Learning rate schedulers

The implemented schedulers inherit from the PyTorch _LRScheduler class. Visit how to adjust learning rate in the PyTorch documentation for more details

Implemented learning rate schedulers

KL Adaptive

Basic usage

The learning rate scheduler usage is defined in each agent’s configuration dictionary. The scheduler class is set under the "learning_rate_scheduler" key and its arguments are set under the "learning_rate_scheduler_kwargs" key as a keyword argument dictionary, without specifying the optimizer (first argument). The following examples show how to set the scheduler for an agent:

# import the scheduler class
from torch.optim.lr_scheduler import StepLR

cfg = DEFAULT_CONFIG.copy()
cfg["learning_rate_scheduler"] = StepLR
cfg["learning_rate_scheduler_kwargs"] = {"step_size": 1, "gamma": 0.9}

# import the scheduler class
from skrl.resources.schedulers.torch import KLAdaptiveRL

cfg = DEFAULT_CONFIG.copy()
cfg["learning_rate_scheduler"] = KLAdaptiveRL
cfg["learning_rate_scheduler_kwargs"] = {"kl_threshold": 0.01}

KL Adaptive

Algorithm implementation

The learning rate (\(\eta\)) at each step is modified as follows:

IF \(\; KL >\) kl_factor kl_threshold THEN

\(\eta_{t + 1} = \max(\) lr_factor \(^{-1} \; \eta_t,\) min_lr \()\)

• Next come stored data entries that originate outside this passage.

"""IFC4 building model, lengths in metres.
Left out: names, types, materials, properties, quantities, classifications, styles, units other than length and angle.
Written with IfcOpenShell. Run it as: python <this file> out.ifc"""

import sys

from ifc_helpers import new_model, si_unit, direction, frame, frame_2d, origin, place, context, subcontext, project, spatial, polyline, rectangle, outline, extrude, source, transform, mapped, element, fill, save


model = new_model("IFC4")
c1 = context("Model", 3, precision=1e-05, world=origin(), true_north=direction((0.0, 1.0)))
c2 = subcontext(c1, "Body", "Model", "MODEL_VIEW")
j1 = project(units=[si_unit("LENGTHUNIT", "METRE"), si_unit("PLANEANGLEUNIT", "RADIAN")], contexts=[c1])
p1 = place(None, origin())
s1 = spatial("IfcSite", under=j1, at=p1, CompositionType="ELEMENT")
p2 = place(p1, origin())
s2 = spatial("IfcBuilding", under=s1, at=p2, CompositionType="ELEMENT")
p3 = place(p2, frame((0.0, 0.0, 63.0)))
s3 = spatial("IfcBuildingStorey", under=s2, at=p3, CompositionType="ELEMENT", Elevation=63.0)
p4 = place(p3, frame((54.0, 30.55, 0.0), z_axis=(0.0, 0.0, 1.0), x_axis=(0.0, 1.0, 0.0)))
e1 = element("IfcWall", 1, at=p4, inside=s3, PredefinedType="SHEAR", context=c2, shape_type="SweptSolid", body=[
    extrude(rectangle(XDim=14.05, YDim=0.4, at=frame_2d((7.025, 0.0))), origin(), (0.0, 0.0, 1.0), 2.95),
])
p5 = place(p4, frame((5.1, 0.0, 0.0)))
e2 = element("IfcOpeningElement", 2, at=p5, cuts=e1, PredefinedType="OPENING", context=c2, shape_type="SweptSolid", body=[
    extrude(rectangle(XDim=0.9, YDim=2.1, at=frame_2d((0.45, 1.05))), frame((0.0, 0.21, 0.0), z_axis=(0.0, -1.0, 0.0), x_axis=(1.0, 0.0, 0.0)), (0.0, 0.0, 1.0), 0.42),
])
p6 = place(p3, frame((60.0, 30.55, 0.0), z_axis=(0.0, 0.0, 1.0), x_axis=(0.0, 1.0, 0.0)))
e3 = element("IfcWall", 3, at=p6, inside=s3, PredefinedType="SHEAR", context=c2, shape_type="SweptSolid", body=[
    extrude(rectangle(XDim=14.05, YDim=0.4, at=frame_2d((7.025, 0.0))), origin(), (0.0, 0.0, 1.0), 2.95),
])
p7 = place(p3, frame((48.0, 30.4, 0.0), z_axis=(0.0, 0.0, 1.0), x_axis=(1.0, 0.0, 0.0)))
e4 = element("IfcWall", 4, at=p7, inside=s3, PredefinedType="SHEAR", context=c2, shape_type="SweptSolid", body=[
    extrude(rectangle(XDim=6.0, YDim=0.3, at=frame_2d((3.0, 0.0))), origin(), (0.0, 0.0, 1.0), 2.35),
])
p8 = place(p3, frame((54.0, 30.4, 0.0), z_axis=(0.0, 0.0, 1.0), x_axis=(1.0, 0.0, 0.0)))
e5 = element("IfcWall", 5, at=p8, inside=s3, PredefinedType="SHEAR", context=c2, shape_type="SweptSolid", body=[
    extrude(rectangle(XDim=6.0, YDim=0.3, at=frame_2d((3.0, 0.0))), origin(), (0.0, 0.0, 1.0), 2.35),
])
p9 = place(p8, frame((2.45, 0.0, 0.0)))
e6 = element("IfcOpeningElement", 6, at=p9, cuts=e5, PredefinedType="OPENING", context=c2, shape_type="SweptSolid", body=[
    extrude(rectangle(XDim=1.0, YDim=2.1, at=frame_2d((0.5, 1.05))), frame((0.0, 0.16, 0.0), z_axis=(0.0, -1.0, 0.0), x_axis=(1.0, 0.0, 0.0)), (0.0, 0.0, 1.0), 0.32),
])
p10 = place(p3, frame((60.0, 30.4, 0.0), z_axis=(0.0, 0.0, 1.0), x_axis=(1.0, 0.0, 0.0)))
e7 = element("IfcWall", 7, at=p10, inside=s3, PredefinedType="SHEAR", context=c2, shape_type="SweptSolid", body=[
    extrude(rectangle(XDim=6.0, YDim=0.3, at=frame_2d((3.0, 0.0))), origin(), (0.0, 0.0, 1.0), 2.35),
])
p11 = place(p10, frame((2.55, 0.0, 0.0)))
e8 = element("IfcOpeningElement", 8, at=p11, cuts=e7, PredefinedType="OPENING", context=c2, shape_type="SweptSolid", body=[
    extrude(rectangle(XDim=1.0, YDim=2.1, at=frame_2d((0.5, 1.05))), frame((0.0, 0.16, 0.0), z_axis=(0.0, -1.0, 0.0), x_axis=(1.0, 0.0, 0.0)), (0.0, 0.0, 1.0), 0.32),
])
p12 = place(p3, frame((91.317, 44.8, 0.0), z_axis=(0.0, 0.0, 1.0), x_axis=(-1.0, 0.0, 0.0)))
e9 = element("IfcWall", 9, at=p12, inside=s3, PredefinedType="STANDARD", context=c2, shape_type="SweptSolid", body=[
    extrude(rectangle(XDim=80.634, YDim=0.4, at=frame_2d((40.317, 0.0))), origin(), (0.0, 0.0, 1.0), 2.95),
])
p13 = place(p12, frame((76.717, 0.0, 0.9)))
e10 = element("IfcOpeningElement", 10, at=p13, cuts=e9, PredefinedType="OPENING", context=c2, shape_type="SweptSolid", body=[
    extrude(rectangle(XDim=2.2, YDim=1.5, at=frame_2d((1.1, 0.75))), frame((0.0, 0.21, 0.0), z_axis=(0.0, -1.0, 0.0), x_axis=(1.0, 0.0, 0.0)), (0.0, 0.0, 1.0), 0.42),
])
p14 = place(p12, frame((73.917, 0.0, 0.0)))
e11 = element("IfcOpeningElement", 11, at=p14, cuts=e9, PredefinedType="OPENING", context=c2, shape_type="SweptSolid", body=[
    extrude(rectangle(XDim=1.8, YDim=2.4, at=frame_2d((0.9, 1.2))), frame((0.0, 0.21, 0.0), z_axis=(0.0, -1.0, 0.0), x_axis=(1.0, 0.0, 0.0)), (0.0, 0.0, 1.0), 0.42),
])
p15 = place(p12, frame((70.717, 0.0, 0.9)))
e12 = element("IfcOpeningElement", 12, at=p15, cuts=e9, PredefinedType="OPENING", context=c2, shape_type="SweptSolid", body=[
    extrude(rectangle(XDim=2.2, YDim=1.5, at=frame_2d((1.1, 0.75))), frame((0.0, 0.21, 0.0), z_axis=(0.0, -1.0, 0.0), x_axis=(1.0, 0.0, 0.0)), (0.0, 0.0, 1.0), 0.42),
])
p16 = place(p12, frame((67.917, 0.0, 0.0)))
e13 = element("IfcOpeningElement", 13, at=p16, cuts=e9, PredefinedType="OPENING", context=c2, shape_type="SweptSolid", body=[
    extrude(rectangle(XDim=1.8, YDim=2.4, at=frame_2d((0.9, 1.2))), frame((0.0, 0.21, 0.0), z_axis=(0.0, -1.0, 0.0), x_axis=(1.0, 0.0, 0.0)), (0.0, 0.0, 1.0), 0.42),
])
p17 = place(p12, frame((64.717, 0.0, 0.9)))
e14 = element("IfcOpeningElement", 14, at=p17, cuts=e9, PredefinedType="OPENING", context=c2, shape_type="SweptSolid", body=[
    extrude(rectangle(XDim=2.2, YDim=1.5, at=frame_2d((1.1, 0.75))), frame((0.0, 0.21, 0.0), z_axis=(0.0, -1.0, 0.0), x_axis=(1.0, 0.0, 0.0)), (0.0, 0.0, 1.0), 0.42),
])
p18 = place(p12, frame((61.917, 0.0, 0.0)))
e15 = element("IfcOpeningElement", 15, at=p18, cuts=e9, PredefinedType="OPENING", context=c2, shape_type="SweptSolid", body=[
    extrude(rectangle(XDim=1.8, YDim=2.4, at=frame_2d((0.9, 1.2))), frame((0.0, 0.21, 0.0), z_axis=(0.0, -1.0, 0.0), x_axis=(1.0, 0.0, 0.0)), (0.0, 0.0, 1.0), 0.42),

IF \(\; KL <\) kl_factor \(^{-1}\) kl_threshold THEN

\(\eta_{t + 1} = \min(\) lr_factor \(\eta_t,\) max_lr \()\)

API

class skrl.resources.schedulers.torch.kl_adaptive.KLAdaptiveRL(optimizer: torch.optim.optimizer.Optimizer, kl_threshold: float = 0.008, min_lr: float = 1e-06, max_lr: float = 0.01, kl_factor: float = 2, lr_factor: float = 1.5, last_epoch: int = - 1, verbose: bool = False)

Bases: torch.optim.lr_scheduler._LRScheduler

__init__(optimizer: torch.optim.optimizer.Optimizer, kl_threshold: float = 0.008, min_lr: float = 1e-06, max_lr: float = 0.01, kl_factor: float = 2, lr_factor: float = 1.5, last_epoch: int = - 1, verbose: bool = False) → None

Adaptive KL scheduler

Adjusts the learning rate according to the KL divergence. The implementation is adapted from the rl_games library (https://github.com/Denys88/rl_games/blob/master/rl_games/common/schedulers.py)

Note

This scheduler is only available for PPO at the moment. Applying it to other agents will not change the learning rate

Example:

>>> scheduler = KLAdaptiveRL(optimizer, kl_threshold=0.01)
>>> for epoch in range(100):
>>>     train(...)
>>>     validate(...)
>>>     kl_divergence = ...
>>>     scheduler.step(kl_divergence)

Parameters

optimizer (torch.optim.Optimizer) – Wrapped optimizer
kl_threshold (float, optional) – Threshold for KL divergence (default: 0.008)
min_lr (float, optional) – Lower bound for learning rate (default: 1e-6)
max_lr (float, optional) – Upper bound for learning rate (default: 1e-2)
kl_factor (float, optional) – The number used to modify the KL divergence threshold (default: 2)
lr_factor (float, optional) – The number used to modify the learning rate (default: 1.5)
last_epoch (int, optional) – The index of last epoch (default: -1)
verbose (bool, optional) – Verbose mode (default: False)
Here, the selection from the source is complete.